I can agree with your pricing. I did see a 7970 going for under $400 bucks the other day which is promising I suppose.


----------



## Nordic (Jul 5, 2012)

dalekdukesboy said:


> exactly...so how can a 7970 ever go for more than 400'ish as the 470 does is beyond me, and the 7950 has no prayer at the 670 without seeing latest drivers and whatever clocks they release the new 7950 at I'd still bet on the fact the 670 at bone stock will laugh at it in a majority of the games out there if not almost every one. SO...that means the new 7950 is overpriced if it goes over 350 far as I'm concerned, and really should be more around the 320 mark realistically.





james888 said:


> and the 7950 $320


As I said...




erocker said:


> I can agree with your pricing. I did see a 7970 going for under $400 bucks the other day which is promising I suppose.


I did just buy a 7970 for $385 while seeing others from $350-$420


----------



## SIGSEGV (Jul 6, 2012)

radrok said:


> He's probably talking about post launch days, not now.

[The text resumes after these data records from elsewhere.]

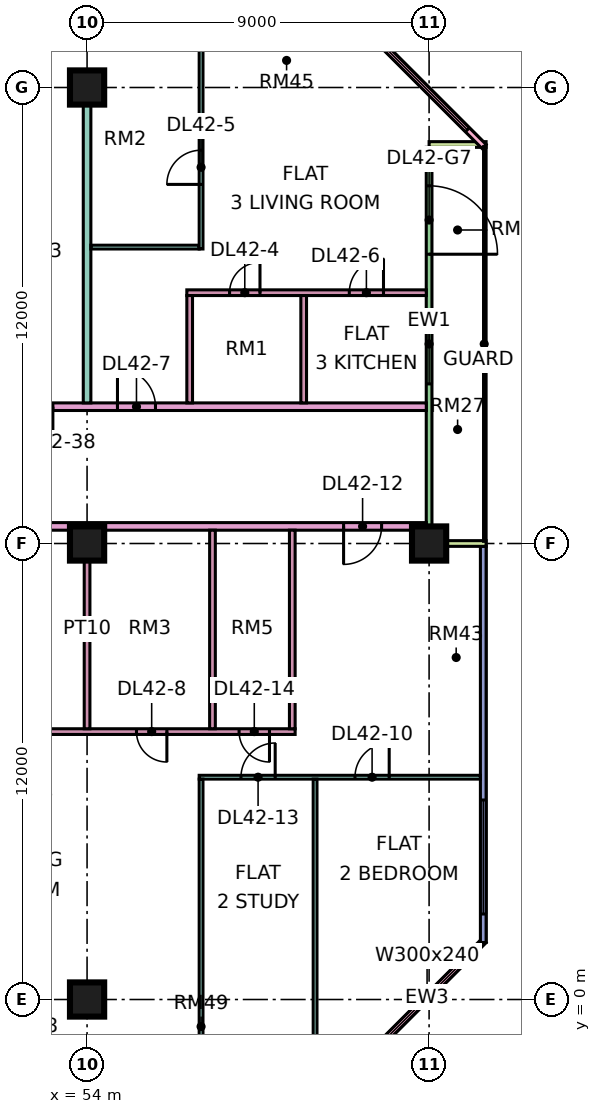
"""IFC4 building model, lengths in metres.
Left out: names, types, materials, properties, quantities, classifications, styles, units other than length and angle.
Written with IfcOpenShell. Run it as: python <this file> out.ifc"""

import sys

from ifc_helpers import new_model, si_unit, direction, frame, frame_2d, origin, origin_2d, place, context, subcontext, project, spatial, rectangle, extrude, element, fill, save


model = new_model("IFC4")
c1 = context("Model", 3, precision=1e-05, world=origin(), true_north=direction((0.0, 1.0)))
c2 = subcontext(c1, "Body", "Model", "MODEL_VIEW")
j1 = project(units=[si_unit("LENGTHUNIT", "METRE"), si_unit("PLANEANGLEUNIT", "RADIAN")], contexts=[c1])
p1 = place(None, origin())
s1 = spatial("IfcSite", under=j1, at=p1, CompositionType="ELEMENT")
p2 = place(p1, origin())
s2 = spatial("IfcBuilding", under=s1, at=p2, CompositionType="ELEMENT")
p3 = place(p2, frame((0.0, 0.0, 183.65)))
s3 = spatial("IfcBuildingStorey", under=s2, at=p3, CompositionType="ELEMENT", Elevation=183.65)
for number, where, z_axis, x_axis in (
    (1, (54.0, 0.0, 0.0), (0.0, 0.0, 1.0), (1.0, 0.0, 0.0)),
    (2, (54.0, 12.0, 0.0), (0.0, 0.0, 1.0), (1.0, 0.0, 0.0)),
    (3, (54.0, 24.0, 0.0), (0.0, 0.0, 1.0), (1.0, 0.0, 0.0)),
    (4, (63.0, 12.0, 0.0), (0.0, 0.0, 1.0), (1.0, 0.0, 0.0)),
):
    element("IfcColumn", number, at=place(p3, frame(where, z_axis=z_axis, x_axis=x_axis)), inside=s3, PredefinedType="COLUMN", context=c2, shape_type="SweptSolid", body=[
        extrude(rectangle(XDim=0.9, YDim=0.9, at=origin_2d()), origin(), (0.0, 0.0, 1.0), 3.75),
    ])
p4 = place(p3, frame((61.447, -1.447, 0.0), z_axis=(0.0, 0.0, 1.0), x_axis=(0.707106781187, 0.707106781187, 0.0)))
e5 = element("IfcWall", 5, at=p4, inside=s3, PredefinedType="SOLIDWALL", context=c2, shape_type="SweptSolid", body=[
    extrude(rectangle(XDim=4.243, YDim=0.15, at=frame_2d((2.121, 0.0))), origin(), (0.0, 0.0, 1.0), 3.35),
])
p5 = place(p4, frame((0.621, 0.0, 0.45)))
e6 = element("IfcOpeningElement", 6, at=p5, cuts=e5, PredefinedType="OPENING", context=c2, shape_type="SweptSolid", body=[
    extrude(rectangle(XDim=3.0, YDim=2.4, at=frame_2d((1.5, 1.2))), frame((0.0, 0.085, 0.0), z_axis=(0.0, -1.0, 0.0), x_axis=(1.0, 0.0, 0.0)), (0.0, 0.0, 1.0), 0.17),
])
p6 = place(p3, frame((64.425, 1.5, 0.0), z_axis=(0.0, 0.0, 1.0), x_axis=(0.0, 1.0, 0.0)))
e7 = element("IfcWall", 7, at=p6, inside=s3, PredefinedType="SOLIDWALL", context=c2, shape_type="SweptSolid", body=[
    extrude(rectangle(XDim=10.425, YDim=0.15, at=frame_2d((5.212, 0.0))), origin(), (0.0, 0.0, 1.0), 3.35),
])
p7 = place(p6, frame((0.75, 0.0, 0.45)))
e8 = element("IfcOpeningElement", 8, at=p7, cuts=e7, PredefinedType="OPENING", context=c2, shape_type="SweptSolid", body=[
    extrude(rectangle(XDim=3.0, YDim=2.4, at=frame_2d((1.5, 1.2))), frame((0.0, 0.085, 0.0), z_axis=(0.0, -1.0, 0.0), x_axis=(1.0, 0.0, 0.0)), (0.0, 0.0, 1.0), 0.17),
])
p8 = place(p3, frame((63.0, 12.075, 0.0), z_axis=(0.0, 0.0, 1.0), x_axis=(0.0, 1.0, 0.0)))
e9 = element("IfcWall", 9, at=p8, inside=s3, PredefinedType="SOLIDWALL", context=c2, shape_type="SweptSolid", body=[
    extrude(rectangle(XDim=10.35, YDim=0.15, at=frame_2d((5.175, 0.0))), origin(), (0.0, 0.0, 1.0), 3.35),
])
p9 = place(p8, frame((4.125, 0.0, 0.45)))
e10 = element("IfcOpeningElement", 10, at=p9, cuts=e9, PredefinedType="OPENING", context=c2, shape_type="SweptSolid", body=[
    extrude(rectangle(XDim=1.8, YDim=2.4, at=frame_2d((0.9, 1.2))), frame((0.0, 0.085, 0.0), z_axis=(0.0, -1.0, 0.0), x_axis=(1.0, 0.0, 0.0)), (0.0, 0.0, 1.0), 0.17),
])
p10 = place(p8, frame((7.538, 0.0, 0.0)))
e11 = element("IfcOpeningElement", 11, at=p10, cuts=e9, PredefinedType="OPENING", context=c2, shape_type="SweptSolid", body=[
    extrude(rectangle(XDim=1.8, YDim=2.4, at=frame_2d((0.9, 1.2))), frame((0.0, 0.085, 0.0), z_axis=(0.0, -1.0, 0.0), x_axis=(1.0, 0.0, 0.0)), (0.0, 0.0, 1.0), 0.17),
])
for number, where, z_axis, x_axis in (
    (12, (64.5, 12.0, 0.0), (0.0, 0.0, 1.0), (-1.0, 0.0, 0.0)),
    (13, (64.5, 22.5, 0.0), (0.0, 0.0, 1.0), (-1.0, 0.0, 0.0)),
):
    element("IfcWall", number, at=place(p3, frame(where, z_axis=z_axis, x_axis=x_axis)), inside=s3, PredefinedType="SOLIDWALL", context=c2, shape_type="SweptSolid", body=[
        extrude(rectangle(XDim=1.5, YDim=0.15, at=frame_2d((0.75, 0.0))), origin(), (0.0, 0.0, 1.0), 3.35),
    ])
p11 = place(p3, frame((64.447, 22.447, 0.0), z_axis=(0.0, 0.0, 1.0), x_axis=(-0.707106781187, 0.707106781187, 0.0)))
e14 = element("IfcWall", 14, at=p11, inside=s3, PredefinedType="SOLIDWALL", context=c2, shape_type="SweptSolid", body=[
    extrude(rectangle(XDim=4.243, YDim=0.15, at=frame_2d((2.121, 0.0))), origin(), (0.0, 0.0, 1.0), 3.35),
])
p12 = place(p11, frame((0.621, 0.0, 0.45)))
e15 = element("IfcOpeningElement", 15, at=p12, cuts=e14, PredefinedType="OPENING", context=c2, shape_type="SweptSolid", body=[
    extrude(rectangle(XDim=3.0, YDim=2.4, at=frame_2d((1.5, 1.2))), frame((0.0, 0.085, 0.0), z_axis=(0.0, -1.0, 0.0), x_axis=(1.0, 0.0, 0.0)), (0.0, 0.0, 1.0), 0.17),
])
p13 = place(p3, frame((40.65, 12.45, 0.0), z_axis=(0.0, 0.0, 1.0), x_axis=(1.0, 0.0, 0.0)))
e16 = element("IfcWall", 16, at=p13, inside=s3, PredefinedType="PARTITIONING", context=c2, shape_type="SweptSolid", body=[
    extrude(rectangle(XDim=22.276, YDim=0.2, at=frame_2d((11.138, 0.0))), origin(), (0.0, 0.0, 1.0), 3.35),
])
p14 = place(p13, frame((20.1, 0.0, 0.0)))
e17 = element("IfcOpeningElement", 17, at=p14, cuts=e16, PredefinedType="OPENING", context=c2, shape_type="SweptSolid", body=[
    extrude(rectangle(XDim=1.0, YDim=2.1, at=frame_2d((0.5, 1.05))), frame((0.0, 0.11, 0.0), z_axis=(0.0, -1.0, 0.0), x_axis=(1.0, 0.0, 0.0)), (0.0, 0.0, 1.0), 0.22),
])
p15 = place(p13, frame((1.05, 0.0, 0.0)))
e18 = element("IfcOpeningElement", 18, at=p15, cuts=e16, PredefinedType="OPENING", context=c2, shape_type="SweptSolid", body=[
    extrude(rectangle(XDim=1.0, YDim=2.1, at=frame_2d((0.5, 1.05))), frame((0.0, 0.11, 0.0), z_axis=(0.0, -1.0, 0.0), x_axis=(1.0, 0.0, 0.0)), (0.0, 0.0, 1.0), 0.22),
])
p16 = place(p3, frame((48.1, 7.05, 0.0), z_axis=(0.0, 0.0, 1.0), x_axis=(1.0, 0.0, 0.0)))
e19 = element("IfcWall", 19, at=p16, inside=s3, PredefinedType="PARTITIONING", context=c2, shape_type="SweptSolid", body=[
    extrude(rectangle(XDim=11.375, YDim=0.15, at=frame_2d((5.688, 0.0))), origin(), (0.0, 0.0, 1.0), 3.35),
])
p17 = place(p16, frame((7.2, 0.0, 0.0)))
e20 = element("IfcOpeningElement", 20, at=p17, cuts=e19, PredefinedType="OPENING", context=c2, shape_type="SweptSolid", body=[
    extrude(rectangle(XDim=0.8, YDim=2.1, at=frame_2d((0.4, 1.05))), frame((0.0, 0.085, 0.0), z_axis=(0.0, -1.0, 0.0), x_axis=(1.0, 0.0, 0.0)), (0.0, 0.0, 1.0), 0.17),
])
p18 = place(p16, frame((2.45, 0.0, 0.0)))
e21 = element("IfcOpeningElement", 21, at=p18, cuts=e19, PredefinedType="OPENING", context=c2, shape_type="SweptSolid", body=[
    extrude(rectangle(XDim=0.9, YDim=2.1, at=frame_2d((0.45, 1.05))), frame((0.0, 0.085, 0.0), z_axis=(0.0, -1.0, 0.0), x_axis=(1.0, 0.0, 0.0)), (0.0, 0.0, 1.0), 0.17),
])
p19 = place(p16, frame((9.9, 0.0, 0.0)))
e22 = element("IfcOpeningElement", 22, at=p19, cuts=e19, PredefinedType="OPENING", context=c2, shape_type="SweptSolid", body=[
    extrude(rectangle(XDim=0.8, YDim=2.1, at=frame_2d((0.4, 1.05))), frame((0.0, 0.085, 0.0), z_axis=(0.0, -1.0, 0.0), x_axis=(1.0, 0.0, 0.0)), (0.0, 0.0, 1.0), 0.17),
])
p20 = place(p3, frame((51.225, 15.6, 0.0), z_axis=(0.0, 0.0, 1.0), x_axis=(1.0, 0.0, 0.0)))
e23 = element("IfcWall", 23, at=p20, inside=s3, PredefinedType="PARTITIONING", context=c2, shape_type="SweptSolid", body=[
    extrude(rectangle(XDim=11.701, YDim=0.2, at=frame_2d((5.851, 0.0))), origin(), (0.0, 0.0, 1.0), 3.35),
])
p21 = place(p20, frame((3.575, 0.0, 0.0)))
e24 = element("IfcOpeningElement", 24, at=p21, cuts=e23, PredefinedType="OPENING", context=c2, shape_type="SweptSolid", body=[
    extrude(rectangle(XDim=1.0, YDim=2.1, at=frame_2d((0.5, 1.05))), frame((0.0, 0.11, 0.0), z_axis=(0.0, -1.0, 0.0), x_axis=(1.0, 0.0, 0.0)), (0.0, 0.0, 1.0), 0.22),
])
p22 = place(p20, frame((0.875, 0.0, 0.0)))
e25 = element("IfcOpeningElement", 25, at=p22, cuts=e23, PredefinedType="OPENING", context=c2, shape_type="SweptSolid", body=[
    extrude(rectangle(XDim=1.0, YDim=2.1, at=frame_2d((0.5, 1.05))), frame((0.0, 0.11, 0.0), z_axis=(0.0, -1.0, 0.0), x_axis=(1.0, 0.0, 0.0)), (0.0, 0.0, 1.0), 0.22),
])
p23 = place(p3, frame((54.0, 7.125, 0.0), z_axis=(0.0, 0.0, 1.0), x_axis=(0.0, 1.0, 0.0)))
e26 = element("IfcWall", 26, at=p23, inside=s3, PredefinedType="PARTITIONING", context=c2, shape_type="SweptSolid", body=[
    extrude(rectangle(XDim=5.225, YDim=0.15, at=frame_2d((2.613, 0.0))), origin(), (0.0, 0.0, 1.0), 3.35),
])
p24 = place(p3, frame((54.0, 15.7, 0.0), z_axis=(0.0, 0.0, 1.0), x_axis=(0.0, 1.0, 0.0)))
e27 = element("IfcWall", 27, at=p24, inside=s3, PredefinedType="PARTITIONING", context=c2, shape_type="SweptSolid", body=[
    extrude(rectangle(XDim=8.3, YDim=0.2, at=frame_2d((4.15, 0.0))), origin(), (0.0, 0.0, 1.0), 3.35),
])
p25 = place(p3, frame((54.1, 19.8, 0.0), z_axis=(0.0, 0.0, 1.0), x_axis=(1.0, 0.0, 0.0)))
e28 = element("IfcWall", 28, at=p25, inside=s3, PredefinedType="PARTITIONING", context=c2, shape_type="SweptSolid", body=[
    extrude(rectangle(XDim=2.85, YDim=0.1, at=frame_2d((1.425, 0.0))), origin(), (0.0, 0.0, 1.0), 3.35),
])
p26 = place(p3, frame((56.625, 18.6, 0.0), z_axis=(0.0, 0.0, 1.0), x_axis=(1.0, 0.0, 0.0)))
e29 = element("IfcWall", 29, at=p26, inside=s3, PredefinedType="PARTITIONING", context=c2, shape_type="SweptSolid", body=[
    extrude(rectangle(XDim=6.301, YDim=0.15, at=frame_2d((3.15, 0.0))), origin(), (0.0, 0.0, 1.0), 3.35),
])
p27 = place(p26, frame((1.125, 0.0, 0.0)))
e30 = element("IfcOpeningElement", 30, at=p27, cuts=e29, PredefinedType="OPENING", context=c2, shape_type="SweptSolid", body=[
    extrude(rectangle(XDim=0.8, YDim=2.1, at=frame_2d((0.4, 1.05))), frame((0.0, 0.085, 0.0), z_axis=(0.0, -1.0, 0.0), x_axis=(1.0, 0.0, 0.0)), (0.0, 0.0, 1.0), 0.17),
])
p28 = place(p26, frame((4.275, 0.0, 0.0)))
e31 = element("IfcOpeningElement", 31, at=p28, cuts=e29, PredefinedType="OPENING", context=c2, shape_type="SweptSolid", body=[
    extrude(rectangle(XDim=0.9, YDim=2.1, at=frame_2d((0.45, 1.05))), frame((0.0, 0.085, 0.0), z_axis=(0.0, -1.0, 0.0), x_axis=(1.0, 0.0, 0.0)), (0.0, 0.0, 1.0), 0.17),
])
p29 = place(p3, frame((56.7, 15.7, 0.0), z_axis=(0.0, 0.0, 1.0), x_axis=(0.0, 1.0, 0.0)))
e32 = element("IfcWall", 32, at=p29, inside=s3, PredefinedType="PARTITIONING", context=c2, shape_type="SweptSolid", body=[
    extrude(rectangle(XDim=2.825, YDim=0.15, at=frame_2d((1.413, 0.0))), origin(), (0.0, 0.0, 1.0), 3.35),
])
p30 = place(p3, frame((56.95, 5.85, 0.0), z_axis=(0.0, 0.0, 1.0), x_axis=(1.0, 0.0, 0.0)))
e33 = element("IfcWall", 33, at=p30, inside=s3, PredefinedType="PARTITIONING", context=c2, shape_type="SweptSolid", body=[
    extrude(rectangle(XDim=7.4, YDim=0.1, at=frame_2d((3.7, 0.0))), origin(), (0.0, 0.0, 1.0), 3.35),
])
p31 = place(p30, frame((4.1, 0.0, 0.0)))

i was talking about electronic retail market in my country and perhaps south east asia markets, their price including radeon 7900 series are overpriced


----------



## Xzibit (Jul 6, 2012)

AMD pricing is fine.  E-Tailers match Retailers 

Nvidia pricing is aweful - E-tailers are at MSRP and Retailers prices have gone up since launch.

I was just at Fry's and MicroCenter this morning.  You see more 670s on shelves then 7900s or 7800s. Still havent seen a 680 or a 690 at the retail level.


----------



## dalekdukesboy (Jul 6, 2012)

erocker said:


> I can agree with your pricing. I did see a 7970 going for under $400 bucks the other day which is promising I suppose.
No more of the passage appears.